# Correcção ortográfica: alguns conselhos para os membros



## Gerofil (7 Fev 2009 às 15:38)

*É só para voltar a lembrar a todos uma anterior mensagem elaborada pelo Vince:*

Ainda sobre o corrector ortográfico integrado no próprio fórum, ainda não apareceu no mercado um corrector para português satisfatório para este fim. Quando surgir trataremos disso.

No entanto existe uma excelente alternativa que tanto dá para este fórum como para qualquer escrita na Internet. É uma extensão para o browser Firefox, é muito fácil de instalar e bastante eficaz. A extensão foi criada conjuntamente com o Projecto Natura da Universidade do Minho e é melhorada com bastante regularidade.


O download da extensão é feito neste endereço:
*Corrector para Português Europeu *
https://addons.mozilla.org/pt-BR/firefox/addon/3155









A utilização é bastante simples. Após a instalação da extensão, num qualquer formulário de escrita (ao escrever uma mensagem por exemplo) clicar com o lado direito e escolher a opção "Languages" e seleccionar "Português" e ver se está activa a opção "Check Spelling".
Para quem tem o Firefox nativo em português estas opções estão em português.

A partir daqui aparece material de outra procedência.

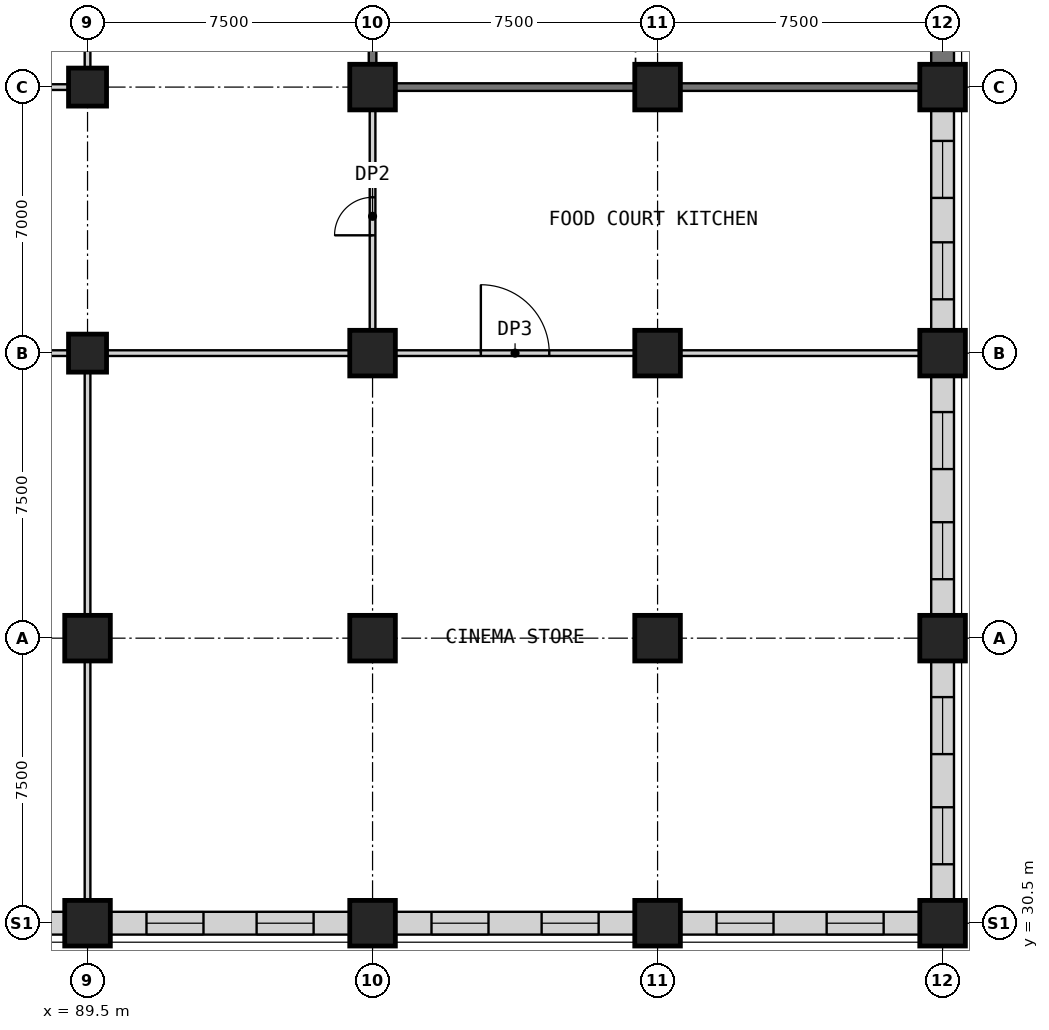
"""IFC4 building model, lengths in metres.
Left out: names, types, materials, properties, quantities, classifications, styles, units other than length and angle.
Written with IfcOpenShell. Run it as: python <this file> out.ifc"""

import sys

from ifc_helpers import new_model, si_unit, direction, frame, frame_2d, origin, origin_2d, place, context, subcontext, project, spatial, rectangle, extrude, element, fill, save


model = new_model("IFC4")
c1 = context("Model", 3, precision=1e-05, world=origin(), true_north=direction((0.0, 1.0)))
c2 = subcontext(c1, "Body", "Model", "MODEL_VIEW")
j1 = project(units=[si_unit("LENGTHUNIT", "METRE"), si_unit("PLANEANGLEUNIT", "RADIAN")], contexts=[c1])
p1 = place(None, origin())
s1 = spatial("IfcSite", under=j1, at=p1, CompositionType="ELEMENT")
p2 = place(p1, origin())
s2 = spatial("IfcBuilding", under=s1, at=p2, CompositionType="ELEMENT")
p3 = place(p2, frame((0.0, 0.0, 18.5)))
s3 = spatial("IfcBuildingStorey", under=s2, at=p3, CompositionType="ELEMENT", Elevation=18.5)
for number, where, z_axis, x_axis in (
    (1, (89.5, 45.5, 0.0), (0.0, 0.0, 1.0), (1.0, 0.0, 0.0)),
    (2, (89.5, 52.5, 0.0), (0.0, 0.0, 1.0), (1.0, 0.0, 0.0)),
):
    element("IfcColumn", number, at=place(p3, frame(where, z_axis=z_axis, x_axis=x_axis)), inside=s3, PredefinedType="COLUMN", context=c2, shape_type="SweptSolid", body=[
        extrude(rectangle(XDim=1.0, YDim=1.0, at=origin_2d()), origin(), (0.0, 0.0, 1.0), 5.0),
    ])
for number, where, z_axis, x_axis in (
    (3, (89.5, 30.5, 0.0), (0.0, 0.0, 1.0), (1.0, 0.0, 0.0)),
    (4, (89.5, 38.0, 0.0), (0.0, 0.0, 1.0), (1.0, 0.0, 0.0)),
    (5, (97.0, 30.5, 0.0), (0.0, 0.0, 1.0), (1.0, 0.0, 0.0)),
    (6, (97.0, 38.0, 0.0), (0.0, 0.0, 1.0), (1.0, 0.0, 0.0)),
    (7, (97.0, 45.5, 0.0), (0.0, 0.0, 1.0), (1.0, 0.0, 0.0)),
    (8, (97.0, 52.5, 0.0), (0.0, 0.0, 1.0), (1.0, 0.0, 0.0)),
    (9, (104.5, 30.5, 0.0), (0.0, 0.0, 1.0), (1.0, 0.0, 0.0)),
    (10, (104.5, 38.0, 0.0), (0.0, 0.0, 1.0), (1.0, 0.0, 0.0)),
    (11, (104.5, 45.5, 0.0), (0.0, 0.0, 1.0), (1.0, 0.0, 0.0)),
    (12, (104.5, 52.5, 0.0), (0.0, 0.0, 1.0), (1.0, 0.0, 0.0)),
    (13, (112.0, 30.5, 0.0), (0.0, 0.0, 1.0), (1.0, 0.0, 0.0)),
    (14, (112.0, 38.0, 0.0), (0.0, 0.0, 1.0), (1.0, 0.0, 0.0)),
    (15, (112.0, 45.5, 0.0), (0.0, 0.0, 1.0), (1.0, 0.0, 0.0)),
    (16, (112.0, 52.5, 0.0), (0.0, 0.0, 1.0), (1.0, 0.0, 0.0)),
):
    element("IfcColumn", number, at=place(p3, frame(where, z_axis=z_axis, x_axis=x_axis)), inside=s3, PredefinedType="COLUMN", context=c2, shape_type="SweptSolid", body=[
        extrude(rectangle(XDim=1.2, YDim=1.2, at=origin_2d()), origin(), (0.0, 0.0, 1.0), 5.0),
    ])
p4 = place(p3, frame((82.6, 30.5, 0.0), z_axis=(0.0, 0.0, 1.0), x_axis=(1.0, 0.0, 0.0)))
e17 = element("IfcWall", 17, at=p4, inside=s3, PredefinedType="PARTITIONING", context=c2, shape_type="SweptSolid", body=[
    extrude(rectangle(XDim=6.3, YDim=0.6, at=frame_2d((3.15, 0.0))), origin(), (0.0, 0.0, 1.0), 4.1),
])
p5 = place(p4, frame((0.951, 0.0, 0.9)))
e18 = element("IfcOpeningElement", 18, at=p5, cuts=e17, PredefinedType="OPENING", context=c2, shape_type="SweptSolid", body=[
    extrude(rectangle(XDim=1.5, YDim=2.8, at=frame_2d((0.75, 1.4))), frame((0.0, 0.31, 0.0), z_axis=(0.0, -1.0, 0.0), x_axis=(1.0, 0.0, 0.0)), (0.0, 0.0, 1.0), 0.62),
])
p6 = place(p4, frame((3.849, 0.0, 0.9)))
e19 = element("IfcOpeningElement", 19, at=p6, cuts=e17, PredefinedType="OPENING", context=c2, shape_type="SweptSolid", body=[
    extrude(rectangle(XDim=1.5, YDim=2.8, at=frame_2d((0.75, 1.4))), frame((0.0, 0.31, 0.0), z_axis=(0.0, -1.0, 0.0), x_axis=(1.0, 0.0, 0.0)), (0.0, 0.0, 1.0), 0.62),
])
p7 = place(p3, frame((90.1, 30.5, 0.0), z_axis=(0.0, 0.0, 1.0), x_axis=(1.0, 0.0, 0.0)))
e20 = element("IfcWall", 20, at=p7, inside=s3, PredefinedType="PARTITIONING", context=c2, shape_type="SweptSolid", body=[
    extrude(rectangle(XDim=6.3, YDim=0.6, at=frame_2d((3.15, 0.0))), origin(), (0.0, 0.0, 1.0), 4.1),
])
p8 = place(p7, frame((0.951, 0.0, 0.9)))
e21 = element("IfcOpeningElement", 21, at=p8, cuts=e20, PredefinedType="OPENING", context=c2, shape_type="SweptSolid", body=[
    extrude(rectangle(XDim=1.5, YDim=2.8, at=frame_2d((0.75, 1.4))), frame((0.0, 0.31, 0.0), z_axis=(0.0, -1.0, 0.0), x_axis=(1.0, 0.0, 0.0)), (0.0, 0.0, 1.0), 0.62),
])
p9 = place(p7, frame((3.849, 0.0, 0.9)))
e22 = element("IfcOpeningElement", 22, at=p9, cuts=e20, PredefinedType="OPENING", context=c2, shape_type="SweptSolid", body=[
    extrude(rectangle(XDim=1.5, YDim=2.8, at=frame_2d((0.75, 1.4))), frame((0.0, 0.31, 0.0), z_axis=(0.0, -1.0, 0.0), x_axis=(1.0, 0.0, 0.0)), (0.0, 0.0, 1.0), 0.62),
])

Após as opções estarem activas, conforme se vai escrevendo um texto ele sublinha com um tracejado vermelho discreto as palavras que não encontrou no dicionário.



Para corrigir uma palavra, basta clicar com o botão direito do rato em cima da palavra dada como errada e ele apresenta algumas sugestões:











É claro que este tipo de correctores tem limitações, sobretudo em questões gramaticais e construção de frases. Se eu escrever erradamente "Hoje à nuvens no céu" como está no exemplo das imagens ele não indica nenhum erro e não sugere a alteração para "Hoje há nuvens no céu".

Outra funcionalidade interessante é a de poderem adicionar palavras ao dicionário, o que é bastante útil para termos técnicos, siglas ou estrangeirismos que usamos frequentemente e é escusado a extensão estar sempre a indicar erro.

Esta possibilidade existe apenas para o browser Firefox, não encontrei equivalente para o Internet Explorer. Mas quem precisa do IE se pode ter o Firefox com as suas centenas de maravilhosas extensões ? 

Para quem não tem, o download do Firefox pode ser feito aqui:
http://www.mozilla-europe.org/


----------



## *Dave* (7 Fev 2009 às 16:18)

*Re: Correcção otográfica: alguns conselhos para os membros*

Erro ortográfico no titulo.

"Correcção otográfica" =/= "correcção ortográfica"


----------



## AnDré (7 Fev 2009 às 16:38)

*Re: Correcção otográfica: alguns conselhos para os membros*



*Dave* disse:


> Erro ortográfico no titulo.
> 
> "Correcção otográfica" =/= "correcção ortográfica"



O que vale é que nada escapa aqui no fórum!
O que é óptimo! Significa que nada do que se escreve é em vão! 

A moderação agradece *Dave*

---------------------

De facto esta ferramenta é muito útil. Recomendo a todos


----------



## Gerofil (7 Fev 2009 às 16:48)

*Re: Correcção otográfica: alguns conselhos para os membros*



*Dave* disse:


> Erro ortográfico no titulo.
> 
> "Correcção otográfica" =/= "correcção ortográfica"





Obviamente, para chamar a atenção de alguém mais atento !

Mas obrigado na mesma pela chamada de atenção.


----------



## *Dave* (7 Fev 2009 às 20:55)

*Re: Correcção otográfica: alguns conselhos para os membros*



Gerofil disse:


> Obviamente, para chamar a atenção de alguém mais atento !
> 
> Mas obrigado na mesma pela chamada de atenção.



E acabou por chamar... pelo menos a minha .


A ferramenta é de facto muito boa e sempre útil


----------



## Minho (7 Fev 2009 às 23:39)

Para os utilizadores de IE

Para o IE também existe um corrector ortográfico IE7Pro: http://www.ie7pro.com/
Não sei se funciona bem ou mal porque só uso Firefox mas parece-me que para correcção de erros faz o mesmo que o plugin do Firefox


----------